The TORQUE web server implements the algorithms in (7) for querying protein sets across species. It combines three approaches: a dynamic programming method utilizing color coding, integer linear programming and a fast heuristic based on shortest paths. TORQUE automatically selects the best method to apply at each stage and outputs the highest scoring match. Scores are based on the underlying network structure, on interaction confidence values and on sequence similarities between matching proteins. The matching process is flexible, allowing a few insertions and deletions if needed. The server currently supports queries of size 4–25 (Figure 1).

Input
The input for TORQUE consists of:

  1. a query set of proteins in species A;
  2. their protein sequences;
  3. a PPI network for species B;
  4. the sequences of the network proteins.

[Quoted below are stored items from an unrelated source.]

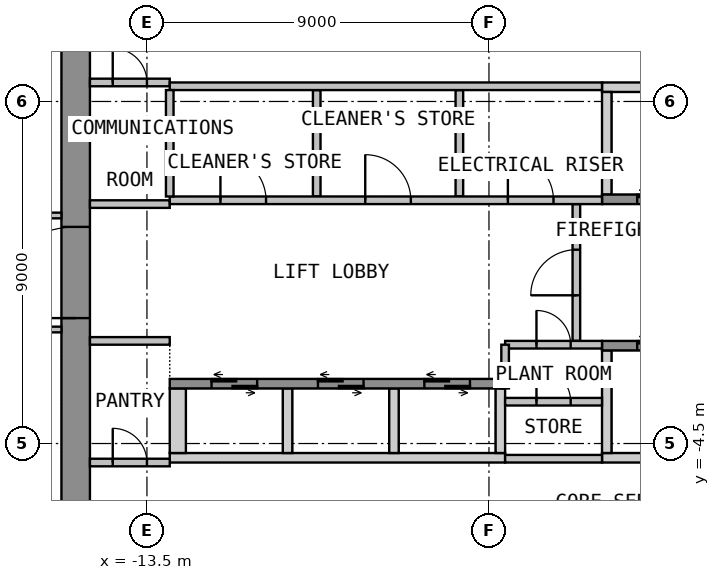
"""IFC4 building model, lengths in metres.
Left out: names, types, materials, properties, quantities, classifications, styles, units other than length and angle.
Written with IfcOpenShell. Run it as: python <this file> out.ifc"""

import sys

from ifc_helpers import new_model, si_unit, direction, frame, frame_2d, origin, place, context, subcontext, project, spatial, polyline, rectangle, outline, extrude, element, fill, save


model = new_model("IFC4")
c1 = context("Model", 3, precision=1e-05, world=origin(), true_north=direction((0.0, 1.0)))
c2 = subcontext(c1, "Body", "Model", "MODEL_VIEW")
j1 = project(units=[si_unit("LENGTHUNIT", "METRE"), si_unit("PLANEANGLEUNIT", "RADIAN")], contexts=[c1])
p1 = place(None, origin())
s1 = spatial("IfcSite", under=j1, at=p1, CompositionType="ELEMENT")
p2 = place(p1, origin())
s2 = spatial("IfcBuilding", under=s1, at=p2, CompositionType="ELEMENT")
p3 = place(p2, frame((0.0, 0.0, 144.3)))
s3 = spatial("IfcBuildingStorey", under=s2, at=p3, CompositionType="ELEMENT", Elevation=144.3)
p4 = place(p3, frame((-15.375, -12.75, 0.0), z_axis=(0.0, 0.0, 1.0), x_axis=(0.0, 1.0, 0.0)))
e1 = element("IfcWall", 1, at=p4, inside=s3, PredefinedType="SHEAR", context=c2, shape_type="SweptSolid", body=[
    extrude(rectangle(XDim=25.5, YDim=0.75, at=frame_2d((12.75, 0.0))), origin(), (0.0, 0.0, 1.0), 3.575),
])
p5 = place(p4, frame((11.55, 0.0, 0.0)))
e2 = element("IfcOpeningElement", 2, at=p5, cuts=e1, PredefinedType="OPENING", context=c2, shape_type="SweptSolid", body=[
    extrude(rectangle(XDim=2.4, YDim=2.1, at=frame_2d((1.2, 1.05))), frame((0.0, 0.385, 0.0), z_axis=(0.0, -1.0, 0.0), x_axis=(1.0, 0.0, 0.0)), (0.0, 0.0, 1.0), 0.77),
])
p6 = place(p3, origin())
e3 = element("IfcWall", 3, at=p6, inside=s3, PredefinedType="SHEAR", context=c2, shape_type="SweptSolid", body=[
    extrude(outline(polyline([(-1.525, 4.75), (1.525, 4.75), (1.525, 5.0), (-1.525, 5.0), (-1.525, 4.75)])), origin(), (0.0, 0.0, 1.0), 3.575),
])
p7 = place(p3, origin())
e4 = element("IfcWall", 4, at=p7, inside=s3, PredefinedType="SHEAR", context=c2, shape_type="SweptSolid", body=[
    extrude(outline(polyline([(-1.525, 2.05), (-1.275, 2.05), (-1.275, 4.75), (-1.525, 4.75), (-1.525, 2.05)])), origin(), (0.0, 0.0, 1.0), 3.575),
])
p8 = place(p3, frame((-1.525, 1.925, 0.0), z_axis=(0.0, 0.0, 1.0), x_axis=(1.0, 0.0, 0.0)))
e5 = element("IfcWall", 5, at=p8, inside=s3, PredefinedType="SHEAR", context=c2, shape_type="SweptSolid", body=[
    extrude(rectangle(XDim=3.05, YDim=0.25, at=frame_2d((1.525, 0.0))), origin(), (0.0, 0.0, 1.0), 3.575),
])
p9 = place(p8, frame((0.925, 0.0, 0.0)))
e6 = element("IfcOpeningElement", 6, at=p9, cuts=e5, PredefinedType="OPENING", context=c2, shape_type="SweptSolid", body=[
    extrude(rectangle(XDim=1.2, YDim=2.1, at=frame_2d((0.6, 1.05))), frame((0.0, 0.135, 0.0), z_axis=(0.0, -1.0, 0.0), x_axis=(1.0, 0.0, 0.0)), (0.0, 0.0, 1.0), 0.27),
])
p10 = place(p3, origin())
e7 = element("IfcWall", 7, at=p10, inside=s3, PredefinedType="SHEAR", context=c2, shape_type="SweptSolid", body=[
    extrude(outline(polyline([(-12.9, -5.0), (-4.075, -5.0), (-4.075, -4.75), (-12.9, -4.75), (-12.9, -5.0)])), origin(), (0.0, 0.0, 1.0), 3.575),
])
p11 = place(p3, origin())
e8 = element("IfcWall", 8, at=p11, inside=s3, PredefinedType="SHEAR", context=c2, shape_type="SweptSolid", body=[
    extrude(outline(polyline([(-1.525, -5.0), (12.9, -5.0), (12.9, -4.75), (-1.525, -4.75), (-1.525, -5.0)])), origin(), (0.0, 0.0, 1.0), 3.575),
])
p12 = place(p3, origin())
e9 = element("IfcWall", 9, at=p12, inside=s3, PredefinedType="SHEAR", context=c2, shape_type="SweptSolid", body=[
    extrude(outline(polyline([(-12.9, -4.75), (-12.475, -4.75), (-12.475, -3.05), (-12.9, -3.05), (-12.9, -4.75)])), origin(), (0.0, 0.0, 1.0), 3.575),
])
p13 = place(p3, origin())
e10 = element("IfcWall", 10, at=p13, inside=s3, PredefinedType="SHEAR", context=c2, shape_type="SweptSolid", body=[
    extrude(outline(polyline([(-9.925, -4.75), (-9.675, -4.75), (-9.675, -3.05), (-9.925, -3.05), (-9.925, -4.75)])), origin(), (0.0, 0.0, 1.0), 3.575),
])
p14 = place(p3, origin())
e11 = element("IfcWall", 11, at=p14, inside=s3, PredefinedType="SHEAR", context=c2, shape_type="SweptSolid", body=[
    extrude(outline(polyline([(-7.125, -4.75), (-6.875, -4.75), (-6.875, -3.05), (-7.125, -3.05), (-7.125, -4.75)])), origin(), (0.0, 0.0, 1.0), 3.575),
])
p15 = place(p3, origin())
e12 = element("IfcWall", 12, at=p15, inside=s3, PredefinedType="SHEAR", context=c2, shape_type="SweptSolid", body=[
    extrude(outline(polyline([(-4.325, -4.75), (-4.075, -4.75), (-4.075, -3.05), (-4.325, -3.05), (-4.325, -4.75)])), origin(), (0.0, 0.0, 1.0), 3.575),
])
p16 = place(p3, origin())
e13 = element("IfcWall", 13, at=p16, inside=s3, PredefinedType="SHEAR", context=c2, shape_type="SweptSolid", body=[
    extrude(outline(polyline([(-1.525, -4.75), (-1.275, -4.75), (-1.275, -2.05), (-1.525, -2.05), (-1.525, -4.75)])), origin(), (0.0, 0.0, 1.0), 3.575),
])
p17 = place(p3, frame((-12.9, -2.925, 0.0), z_axis=(0.0, 0.0, 1.0), x_axis=(1.0, 0.0, 0.0)))
e14 = element("IfcWall", 14, at=p17, inside=s3, PredefinedType="SHEAR", context=c2, shape_type="SweptSolid", body=[
    extrude(rectangle(XDim=8.825, YDim=0.25, at=frame_2d((4.413, 0.0))), origin(), (0.0, 0.0, 1.0), 3.575),
])
p18 = place(p17, frame((1.1, 0.0, 0.0)))
e15 = element("IfcOpeningElement", 15, at=p18, cuts=e14, PredefinedType="OPENING", context=c2, shape_type="SweptSolid", body=[
    extrude(rectangle(XDim=1.2, YDim=2.1, at=frame_2d((0.6, 1.05))), frame((0.0, 0.135, 0.0), z_axis=(0.0, -1.0, 0.0), x_axis=(1.0, 0.0, 0.0)), (0.0, 0.0, 1.0), 0.27),
])
p19 = place(p17, frame((3.9, 0.0, 0.0)))
e16 = element("IfcOpeningElement", 16, at=p19, cuts=e14, PredefinedType="OPENING", context=c2, shape_type="SweptSolid", body=[
    extrude(rectangle(XDim=1.2, YDim=2.1, at=frame_2d((0.6, 1.05))), frame((0.0, 0.135, 0.0), z_axis=(0.0, -1.0, 0.0), x_axis=(1.0, 0.0, 0.0)), (0.0, 0.0, 1.0), 0.27),
])
p20 = place(p17, frame((6.7, 0.0, 0.0)))
e17 = element("IfcOpeningElement", 17, at=p20, cuts=e14, PredefinedType="OPENING", context=c2, shape_type="SweptSolid", body=[
    extrude(rectangle(XDim=1.2, YDim=2.1, at=frame_2d((0.6, 1.05))), frame((0.0, 0.135, 0.0), z_axis=(0.0, -1.0, 0.0), x_axis=(1.0, 0.0, 0.0)), (0.0, 0.0, 1.0), 0.27),
])
p21 = place(p3, frame((-1.525, -1.925, 0.0), z_axis=(0.0, 0.0, 1.0), x_axis=(1.0, 0.0, 0.0)))
e18 = element("IfcWall", 18, at=p21, inside=s3, PredefinedType="SHEAR", context=c2, shape_type="SweptSolid", body=[
    extrude(rectangle(XDim=14.425, YDim=0.25, at=frame_2d((7.212, 0.0))), origin(), (0.0, 0.0, 1.0), 3.575),
])
p22 = place(p21, frame((0.925, 0.0, 0.0)))
e19 = element("IfcOpeningElement", 19, at=p22, cuts=e18, PredefinedType="OPENING", context=c2, shape_type="SweptSolid", body=[
    extrude(rectangle(XDim=1.2, YDim=2.1, at=frame_2d((0.6, 1.05))), frame((0.0, 0.135, 0.0), z_axis=(0.0, -1.0, 0.0), x_axis=(1.0, 0.0, 0.0)), (0.0, 0.0, 1.0), 0.27),
])
p23 = place(p21, frame((3.725, 0.0, 0.0)))
e20 = element("IfcOpeningElement", 20, at=p23, cuts=e18, PredefinedType="OPENING", context=c2, shape_type="SweptSolid", body=[
    extrude(rectangle(XDim=1.2, YDim=2.1, at=frame_2d((0.6, 1.05))), frame((0.0, 0.135, 0.0), z_axis=(0.0, -1.0, 0.0), x_axis=(1.0, 0.0, 0.0)), (0.0, 0.0, 1.0), 0.27),
])
p24 = place(p3, frame((-2.2, -1.8, 0.0), z_axis=(0.0, 0.0, 1.0), x_axis=(0.0, 1.0, 0.0)))
e21 = element("IfcWall", 21, at=p24, inside=s3, PredefinedType="PARTITIONING", context=c2, shape_type="SweptSolid", body=[
    extrude(rectangle(XDim=3.6, YDim=0.2, at=frame_2d((1.8, 0.0))), origin(), (0.0, 0.0, 1.0), 3.575),
])
p25 = place(p24, frame((1.2, 0.0, 0.0)))
e22 = element("IfcOpeningElement", 22, at=p25, cuts=e21, PredefinedType="OPENING", context=c2, shape_type="SweptSolid", body=[
    extrude(rectangle(XDim=1.2, YDim=2.1, at=frame_2d((0.6, 1.05))), frame((0.0, 0.11, 0.0), z_axis=(0.0, -1.0, 0.0), x_axis=(1.0, 0.0, 0.0)), (0.0, 0.0, 1.0), 0.22),
])
p26 = place(p3, frame((-15.0, 5.0, 0.0), z_axis=(0.0, 0.0, 1.0), x_axis=(1.0, 0.0, 0.0)))
e23 = element("IfcWall", 23, at=p26, inside=s3, PredefinedType="PARTITIONING", context=c2, shape_type="SweptSolid", body=[
    extrude(rectangle(XDim=2.1, YDim=0.2, at=frame_2d((1.05, 0.0))), origin(), (0.0, 0.0, 1.0), 3.575),
])
p27 = place(p26, frame((0.6, 0.0, 0.0)))
e24 = element("IfcOpeningElement", 24, at=p27, cuts=e23, PredefinedType="OPENING", context=c2, shape_type="SweptSolid", body=[
    extrude(rectangle(XDim=0.9, YDim=2.1, at=frame_2d((0.45, 1.05))), frame((0.0, 0.11, 0.0), z_axis=(0.0, -1.0, 0.0), x_axis=(1.0, 0.0, 0.0)), (0.0, 0.0, 1.0), 0.22),
])
p28 = place(p3, frame((-15.0, 1.8, 0.0), z_axis=(0.0, 0.0, 1.0), x_axis=(1.0, 0.0, 0.0)))
e25 = element("IfcWall", 25, at=p28, inside=s3, PredefinedType="PARTITIONING", context=c2, shape_type="SweptSolid", body=[
    extrude(rectangle(XDim=2.1, YDim=0.2, at=frame_2d((1.05, 0.0))), origin(), (0.0, 0.0, 1.0), 3.575),
])
p29 = place(p3, frame((-15.0, -5.0, 0.0), z_axis=(0.0, 0.0, 1.0), x_axis=(1.0, 0.0, 0.0)))
e26 = element("IfcWall", 26, at=p29, inside=s3, PredefinedType="PARTITIONING", context=c2, shape_type="SweptSolid", body=[
    extrude(rectangle(XDim=2.1, YDim=0.2, at=frame_2d((1.05, 0.0))), origin(), (0.0, 0.0, 1.0), 3.575),
])
p30 = place(p29, frame((0.6, 0.0, 0.0)))
e27 = element("IfcOpeningElement", 27, at=p30, cuts=e26, PredefinedType="OPENING", context=c2, shape_type="SweptSolid", body=[
    extrude(rectangle(XDim=0.9, YDim=2.1, at=frame_2d((0.45, 1.05))), frame((0.0, 0.11, 0.0), z_axis=(0.0, -1.0, 0.0), x_axis=(1.0, 0.0, 0.0)), (0.0, 0.0, 1.0), 0.22),
])
p31 = place(p3, frame((-15.0, -1.8, 0.0), z_axis=(0.0, 0.0, 1.0), x_axis=(1.0, 0.0, 0.0)))
e28 = element("IfcWall", 28, at=p31, inside=s3, PredefinedType="PARTITIONING", context=c2, shape_type="SweptSolid", body=[
    extrude(rectangle(XDim=2.1, YDim=0.2, at=frame_2d((1.05, 0.0))), origin(), (0.0, 0.0, 1.0), 3.575),
])
for number, where, z_axis, x_axis in (
    (29, (-9.032, 2.0, 0.0), (0.0, 0.0, 1.0), (0.0, 1.0, 0.0)),
    (30, (-5.279, 2.0, 0.0), (0.0, 0.0, 1.0), (0.0, 1.0, 0.0)),
):
    element("IfcWall", number, at=place(p3, frame(where, z_axis=z_axis, x_axis=x_axis)), inside=s3, PredefinedType="PARTITIONING", context=c2, shape_type="SweptSolid", body=[
        extrude(rectangle(XDim=2.8, YDim=0.2, at=frame_2d((1.4, 0.0))), origin(), (0.0, 0.0, 1.0), 3.575),
    ])
p32 = place(p3, frame((-12.9, 1.9, 0.0), z_axis=(0.0, 0.0, 1.0), x_axis=(1.0, 0.0, 0.0)))
e31 = element("IfcWall", 31, at=p32, inside=s3, PredefinedType="PARTITIONING", context=c2, shape_type="SweptSolid", body=[
    extrude(rectangle(XDim=11.375, YDim=0.2, at=frame_2d((5.688, 0.0))), origin(), (0.0, 0.0, 1.0), 3.575),
])
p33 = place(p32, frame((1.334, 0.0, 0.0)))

All inputs are in simple text format:

  • the query set can be entered directly as a comma-delimited or whitespace-delimited list.
  • Protein sequences are given in the standard FASTA format.
  • The PPI network is given as a text file, where each row represents an interaction and contains the IDs of the interacting pair and a confidence value for it in the range [0, 1].

It is possible to use a single FASTA file (input 2) for many queries, if it contains the sequences for all proteins in all queries. When the query field is left blank, TORQUE will use all the proteins in input 2 as the query. If input 1 contains Uniprot protein IDs (www.uniprot.org), their sequences need not be entered in input 2; instead, TORQUE automatically retrieves them from the Uniprot database. For several target species, the user need not provide inputs 3 and 4. Currently, the server supports this option for the three target species Saccharomyces cerevisiae, Drosophila melanogaster and Homo sapiens. The user can indicate one of these target species instead of providing inputs 3 and 4. Details on how these networks were constructed can be found in (7).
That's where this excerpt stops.